Then when they're going good around lunch time, the building is at such a negative pressure that the hood doesn't even pull any more air out, and the kitchen smoke will roll right out of the hood and fill the kitchen with smoke like fog. Open the drive thru window and you can see it start to go back up.


----------



## SlickRick

Eric, on these light commercial projects, do you see a common problem with the make-up air? Just not tested and balanced, size, location? On the OP's problem, I think he stated that he pulled traps out and air was being drawn out of the system,into the room. I believe I would have pulled a few traps and put smoke from the roof to see if that was the case. At that point someone needs to balance the system.


----------



## sewerman

*sewer gas odor*

sometimes a cigar is just a cigar
why all of these scientific q & a s ? all though they are good, first see if the floors by the urinals are piss stained that will give an odor next do a smoke test 

marc
the sewerman
http://www.thesewerman.com


----------



## Plumberman

sewerman said:


> sometimes a cigar is just a cigar
> why all of these scientific q & a s ? all though they are good, first see if the floors by the urinals are piss stained that will give an odor next do a smoke test
> 
> marc
> the sewerman
> http://www.thesewerman.com


Www .How About An Intro. com


----------



## sewerman

been on list since 08 / as is posted /intro was back then 

tooooo much sewer gas


----------



## loren

*State certified plumber*



d4lplumber said:


> Having a Problem with sewer smell in Men's Restroom. Smell Gets stronger as day goes on (high use). i've checked the vents to make sure they go thru roof, they are not cracked, not clogged, not near building AC, not to low. i remove P-trap from different fixtures (not just in men's restroom, but also the ones in there) and i notice air being expelled through each drain, it almost feels like AC air but smells like sewer. drains throughout the building have different vent stacks and besides the air is flowing from below, from the drains not the vents. im going to camera the line but at this point im dumbfounded... any ideas? (line not clogged.)
> 
> p.s.
> lines that are connected to grease trap are not having this problem.


do a smoke test/problem solved:thumbup:


----------



## SlickRick

loren said:


> do a smoke test/problem solved:thumbup:


*Hello! Introduction Requested* 
An intro is requested from all new members. In case you missed it, here is the link. http://www.plumbingzone.com/f3/.

The PZ is for Plumbing Professionals ( those engaged in the plumbing profession)

Post an intro and tell our members where you are from, yrs in the trade, and your area(s) of expertise in the plumbing field.

This info helps members who are waiting to welcome you to the best plumbing site there is.

We look forward to your valuable input.


----------



## Epox

This could also be caused by a failing makeup air unit. Hence the vacuum mentioned earlier.

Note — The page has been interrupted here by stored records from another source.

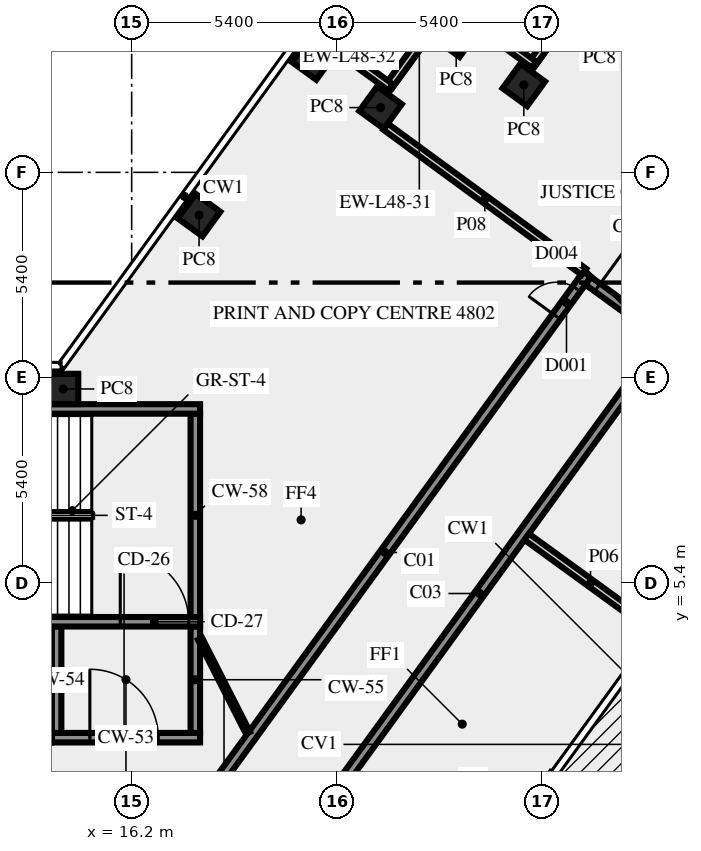
"""IFC4 building model, lengths in metres.
Left out: names, types, materials, properties, quantities, classifications, styles, units other than length and angle.
Written with IfcOpenShell. Run it as: python <this file> out.ifc"""

import sys

from ifc_helpers import new_model, si_unit, direction, frame, frame_2d, origin, origin_2d, place, context, subcontext, project, spatial, rectangle, extrude, element, fill, save


model = new_model("IFC4")
c1 = context("Model", 3, precision=1e-05, world=origin(), true_north=direction((0.0, 1.0)))
c2 = subcontext(c1, "Body", "Model", "MODEL_VIEW")
j1 = project(units=[si_unit("LENGTHUNIT", "METRE"), si_unit("PLANEANGLEUNIT", "RADIAN")], contexts=[c1])
p1 = place(None, origin())
s1 = spatial("IfcSite", under=j1, at=p1, CompositionType="ELEMENT")
p2 = place(p1, origin())
s2 = spatial("IfcBuilding", under=s1, at=p2, CompositionType="ELEMENT")
p3 = place(p2, frame((0.0, 0.0, 206.0)))
s3 = spatial("IfcBuildingStorey", under=s2, at=p3, CompositionType="ELEMENT", Elevation=206.0)
for number, where, z_axis, x_axis in (
    (1, (26.519, 18.5, 0.0), (0.0, 0.0, 1.0), (-0.809, 0.588, 0.0)),
    (2, (24.74, 19.795, 0.0), (0.0, 0.0, 1.0), (-0.588, -0.809, 0.0)),
    (3, (22.749, 17.904, 0.0), (0.0, 0.0, 1.0), (-0.588, -0.809, 0.0)),
    (4, (20.97, 19.195, 0.0), (0.0, 0.0, 1.0), (-0.588, -0.809, 0.0)),
    (5, (17.974, 15.075, 0.0), (0.0, 0.0, 1.0), (-0.588, -0.809, 0.0)),
    (6, (14.395, 10.5, 0.0), (0.0, 0.0, 1.0), (-1.0, 0.0, 0.0)),
):
    element("IfcColumn", number, at=place(p3, frame(where, z_axis=z_axis, x_axis=x_axis)), inside=s3, PredefinedType="COLUMN", context=c2, shape_type="SweptSolid", body=[
        extrude(rectangle(XDim=0.8, YDim=0.8, at=origin_2d()), origin(), (0.0, 0.0, 1.0), 3.65),
    ])
p4 = place(p3, frame((28.334, 21.262, 0.0), z_axis=(0.0, 0.0, 1.0), x_axis=(-0.587762999008, -0.809033161865, 0.0)))
e7 = element("IfcWall", 7, at=p4, inside=s3, PredefinedType="SOLIDWALL", context=c2, shape_type="SweptSolid", body=[
    extrude(rectangle(XDim=2.7, YDim=0.2, at=frame_2d((1.35, 0.0))), origin(), (0.0, 0.0, 1.0), 3.65),
])
p5 = place(p3, frame((26.785, 19.036, 0.0), z_axis=(0.0, 0.0, 1.0), x_axis=(-0.809064397168, 0.587720002413, 0.0)))
e8 = element("IfcWall", 8, at=p5, inside=s3, PredefinedType="SOLIDWALL", context=c2, shape_type="SweptSolid", body=[
    extrude(rectangle(XDim=2.7, YDim=0.2, at=frame_2d((1.35, 0.0))), origin(), (0.0, 0.0, 1.0), 3.65),
])
for number, where, z_axis, x_axis in (
    (9, (24.563, 20.665, 0.0), (0.0, 0.0, 1.0), (-0.588, -0.809, 0.0)),
    (10, (23.013, 18.438, 0.0), (0.0, 0.0, 1.0), (-0.809, 0.588, 0.0)),
):
    element("IfcWall", number, at=place(p3, frame(where, z_axis=z_axis, x_axis=x_axis)), inside=s3, PredefinedType="SOLIDWALL", context=c2, shape_type="SweptSolid", body=[
        extrude(rectangle(XDim=2.7, YDim=0.2, at=frame_2d((1.35, 0.0))), origin(), (0.0, 0.0, 1.0), 3.65),
    ])
p6 = place(p3, frame((14.1, 1.325, 0.0), z_axis=(0.0, 0.0, 1.0), x_axis=(1.0, 0.0, 0.0)))
e11 = element("IfcWall", 11, at=p6, inside=s3, PredefinedType="SHEAR", context=c2, shape_type="SweptSolid", body=[
    extrude(rectangle(XDim=3.9, YDim=0.25, at=frame_2d((1.95, 0.0))), origin(), (0.0, 0.0, 1.0), 3.65),
])
p7 = place(p6, frame((1.0, 0.0, 0.0)))
e12 = element("IfcOpeningElement", 12, at=p7, cuts=e11, PredefinedType="OPENING", context=c2, shape_type="SweptSolid", body=[
    extrude(rectangle(XDim=1.8, YDim=2.1, at=frame_2d((0.9, 1.05))), frame((0.0, 0.135, 0.0), z_axis=(0.0, -1.0, 0.0), x_axis=(1.0, 0.0, 0.0)), (0.0, 0.0, 1.0), 0.27),
])
for number, where, z_axis, x_axis in (
    (13, (14.225, 1.45, 0.0), (0.0, 0.0, 1.0), (0.0, 1.0, 0.0)),
    (14, (17.875, 1.45, 0.0), (0.0, 0.0, 1.0), (0.0, 1.0, 0.0)),
):
    element("IfcWall", number, at=place(p3, frame(where, z_axis=z_axis, x_axis=x_axis)), inside=s3, PredefinedType="SHEAR", context=c2, shape_type="SweptSolid", body=[
        extrude(rectangle(XDim=2.8, YDim=0.25, at=frame_2d((1.4, 0.0))), origin(), (0.0, 0.0, 1.0), 3.65),
    ])
p8 = place(p3, frame((7.5, 4.375, 0.0), z_axis=(0.0, 0.0, 1.0), x_axis=(1.0, 0.0, 0.0)))
e15 = element("IfcWall", 15, at=p8, inside=s3, PredefinedType="SHEAR", context=c2, shape_type="SweptSolid", body=[
    extrude(rectangle(XDim=10.5, YDim=0.25, at=frame_2d((5.25, 0.0))), origin(), (0.0, 0.0, 1.0), 3.65),
])
p9 = place(p8, frame((8.4, 0.0, 0.0)))
e16 = element("IfcOpeningElement", 16, at=p9, cuts=e15, PredefinedType="OPENING", context=c2, shape_type="SweptSolid", body=[
    extrude(rectangle(XDim=1.8, YDim=2.1, at=frame_2d((0.9, 1.05))), frame((0.0, 0.135, 0.0), z_axis=(0.0, -1.0, 0.0), x_axis=(1.0, 0.0, 0.0)), (0.0, 0.0, 1.0), 0.27),
])
p10 = place(p3, frame((17.875, 4.5, 0.0), z_axis=(0.0, 0.0, 1.0), x_axis=(0.0, 1.0, 0.0)))
e17 = element("IfcWall", 17, at=p10, inside=s3, PredefinedType="SHEAR", context=c2, shape_type="SweptSolid", body=[
    extrude(rectangle(XDim=5.35, YDim=0.25, at=frame_2d((2.675, 0.0))), origin(), (0.0, 0.0, 1.0), 3.65),
])
p11 = place(p3, frame((7.5, 9.975, 0.0), z_axis=(0.0, 0.0, 1.0), x_axis=(1.0, 0.0, 0.0)))
e18 = element("IfcWall", 18, at=p11, inside=s3, PredefinedType="SHEAR", context=c2, shape_type="SweptSolid", body=[
    extrude(rectangle(XDim=10.5, YDim=0.25, at=frame_2d((5.25, 0.0))), origin(), (0.0, 0.0, 1.0), 3.65),
])
p12 = place(p11, frame((2.0, 0.0, 1.0)))
e19 = element("IfcOpeningElement", 19, at=p12, cuts=e18, PredefinedType="OPENING", context=c2, shape_type="SweptSolid", body=[
    extrude(rectangle(XDim=1.2, YDim=1.2, at=frame_2d((0.6, 0.6))), frame((0.0, 0.135, 0.0), z_axis=(0.0, -1.0, 0.0), x_axis=(1.0, 0.0, 0.0)), (0.0, 0.0, 1.0), 0.27),
])
p13 = place(p3, frame((17.545, -1.125, 0.0), z_axis=(0.0, 0.0, 1.0), x_axis=(0.58779555165, 0.809009511354, 0.0)))
e20 = element("IfcWall", 20, at=p13, inside=s3, PredefinedType="SOLIDWALL", context=c2, shape_type="SweptSolid", body=[
    extrude(rectangle(XDim=18.103, YDim=0.25, at=frame_2d((9.052, 0.0))), origin(), (0.0, 0.0, 1.0), 3.65),
])
p14 = place(p13, frame((16.728, 0.0, 0.0)))
e21 = element("IfcOpeningElement", 21, at=p14, cuts=e20, PredefinedType="OPENING", context=c2, shape_type="SweptSolid", body=[
    extrude(rectangle(XDim=0.9, YDim=2.1, at=frame_2d((0.45, 1.05))), frame((0.0, 0.135, 0.0), z_axis=(0.0, -1.0, 0.0), x_axis=(1.0, 0.0, 0.0)), (0.0, 0.0, 1.0), 0.27),
])
p15 = place(p3, frame((28.213, 13.346, 0.0), z_axis=(0.0, 0.0, 1.0), x_axis=(0.809006914995, -0.587799125119, 0.0)))
e22 = element("IfcWall", 22, at=p15, inside=s3, PredefinedType="SOLIDWALL", context=c2, shape_type="SweptSolid", body=[
    extrude(rectangle(XDim=2.65, YDim=0.25, at=frame_2d((1.325, 0.0))), origin(), (0.0, 0.0, 1.0), 3.65),
])
p16 = place(p15, frame((0.3, 0.0, 0.0)))
e23 = element("IfcOpeningElement", 23, at=p16, cuts=e22, PredefinedType="OPENING", context=c2, shape_type="SweptSolid", body=[
    extrude(rectangle(XDim=1.8, YDim=2.1, at=frame_2d((0.9, 1.05))), frame((0.0, 0.135, 0.0), z_axis=(0.0, -1.0, 0.0), x_axis=(1.0, 0.0, 0.0)), (0.0, 0.0, 1.0), 0.27),
])
p17 = place(p3, frame((30.183, 11.761, 0.0), z_axis=(0.0, 0.0, 1.0), x_axis=(-0.587781762867, -0.80901952958, 0.0)))
e24 = element("IfcWall", 24, at=p17, inside=s3, PredefinedType="SOLIDWALL", context=c2, shape_type="SweptSolid", body=[
    extrude(rectangle(XDim=16.42, YDim=0.25, at=frame_2d((8.21, 0.0))), origin(), (0.0, 0.0, 1.0), 3.65),
])
p18 = place(p17, frame((14.988, 0.0, 0.0)))
e25 = element("IfcOpeningElement", 25, at=p18, cuts=e24, PredefinedType="OPENING", context=c2, shape_type="SweptSolid", body=[
    extrude(rectangle(XDim=0.9, YDim=2.1, at=frame_2d((0.45, 1.05))), frame((0.0, 0.135, 0.0), z_axis=(0.0, -1.0, 0.0), x_axis=(1.0, 0.0, 0.0)), (0.0, 0.0, 1.0), 0.27),
])
p19 = place(p17, frame((0.225, 0.0, 0.0)))
e26 = element("IfcOpeningElement", 26, at=p19, cuts=e24, PredefinedType="OPENING", context=c2, shape_type="SweptSolid", body=[
    extrude(rectangle(XDim=0.9, YDim=2.1, at=frame_2d((0.45, 1.05))), frame((0.0, 0.135, 0.0), z_axis=(0.0, -1.0, 0.0), x_axis=(1.0, 0.0, 0.0)), (0.0, 0.0, 1.0), 0.27),
])
p20 = place(p3, frame((29.954, 4.172, 0.0), z_axis=(0.0, 0.0, 1.0), x_axis=(-0.809193718638, 0.587541935283, 0.0)))
e27 = element("IfcWall", 27, at=p20, inside=s3, PredefinedType="SOLIDWALL", context=c2, shape_type="SweptSolid", body=[
    extrude(rectangle(XDim=4.15, YDim=0.2, at=frame_2d((2.075, 0.0))), origin(), (0.0, 0.0, 1.0), 3.65),
])
p21 = place(p3, frame((22.884, 17.401, 0.0), z_axis=(0.0, 0.0, 1.0), x_axis=(0.80698686941, -0.590569380005, 0.0)))
e28 = element("IfcWall", 28, at=p21, inside=s3, PredefinedType="SOLIDWALL", context=c2, shape_type="SweptSolid", body=[
    extrude(rectangle(XDim=6.465, YDim=0.2, at=frame_2d((3.232, 0.0))), origin(), (0.0, 0.0, 1.0), 3.65),
])
p22 = place(p3, frame((18.0, 3.925, 0.0), z_axis=(0.0, 0.0, 1.0), x_axis=(0.453950796792, -0.891026752736, 0.0)))
e29 = element("IfcWall", 29, at=p22, inside=s3, PredefinedType="PARTITIONING", context=c2, shape_type="SweptSolid", body=[
    extrude(rectangle(XDim=2.778, YDim=0.12, at=frame_2d((1.389, 0.0))), origin(), (0.0, 0.0, 1.0), 3.65),
])
p23 = place(p7, origin())
e30 = element("IfcDoor", 30, at=p23, inside=s3, OperationType="DOUBLE_DOOR_SINGLE_SWING", PredefinedType="DOOR", context=c2, shape_type="SweptSolid", body=[
    extrude(rectangle(XDim=1.8, YDim=2.1, at=frame_2d((0.9, 1.05))), frame((0.0, 0.025, 0.0), z_axis=(0.0, -1.0, 0.0), x_axis=(1.0, 0.0, 0.0)), (0.0, 0.0, 1.0), 0.05),
])
fill(e12, e30)
p24 = place(p9, origin())
e31 = element("IfcDoor", 31, at=p24, inside=s3, OperationType="DOUBLE_DOOR_SINGLE_SWING", PredefinedType="DOOR", context=c2, shape_type="SweptSolid", body=[
    extrude(rectangle(XDim=1.8, YDim=2.1, at=frame_2d((0.9, 1.05))), frame((0.0, 0.025, 0.0), z_axis=(0.0, -1.0, 0.0), x_axis=(1.0, 0.0, 0.0)), (0.0, 0.0, 1.0), 0.05),
])
fill(e16, e31)
p25 = place(p16, origin())
e32 = element("IfcDoor", 32, at=p25, inside=s3, OperationType="DOUBLE_DOOR_SINGLE_SWING", PredefinedType="DOOR", context=c2, shape_type="SweptSolid", body=[
    extrude(rectangle(XDim=1.8, YDim=2.1, at=frame_2d((0.9, 1.05))), frame((0.0, 0.025, 0.0), z_axis=(0.0, -1.0, 0.0), x_axis=(1.0, 0.0, 0.0)), (0.0, 0.0, 1.0), 0.05),
])
fill(e23, e32)
p26 = place(p14, origin())
e33 = element("IfcDoor", 33, at=p26, inside=s3, OperationType="SINGLE_SWING_RIGHT", PredefinedType="DOOR", context=c2, shape_type="SweptSolid", body=[
    extrude(rectangle(XDim=0.9, YDim=2.1, at=frame_2d((0.45, 1.05))), frame((0.0, 0.025, 0.0), z_axis=(0.0, -1.0, 0.0), x_axis=(1.0, 0.0, 0.0)), (0.0, 0.0, 1.0), 0.05),
])
fill(e21, e33)
save(model, sys.argv[1])

They are typically never serviced, bearing go out, belts stretch out. Makes for that nice rosie smell.:blink: Aside from that my money is on the smoke test. Cracks in piping are really good at being hard to find.


----------



## jeffreyplumber

It sounds like the make up air. I mean he said the trap was losing its seal is there another reason ? I mean a cracked pipe some where is allways posible but a cracked pipe aint causing the traps to lose a seal


----------



## SewerRatz

I did a smoke test recently at a restaurant. Found 3 open vent pipes. One of them was a 2 x 4 Tee where the 2" pipe was never glued in and pulled out. Another was a 2" pipe in a wall that led to no where, and the third was an open backside of a 2" wye up in the drop ceiling. Looked like they forgot to put in a clean out adapter there.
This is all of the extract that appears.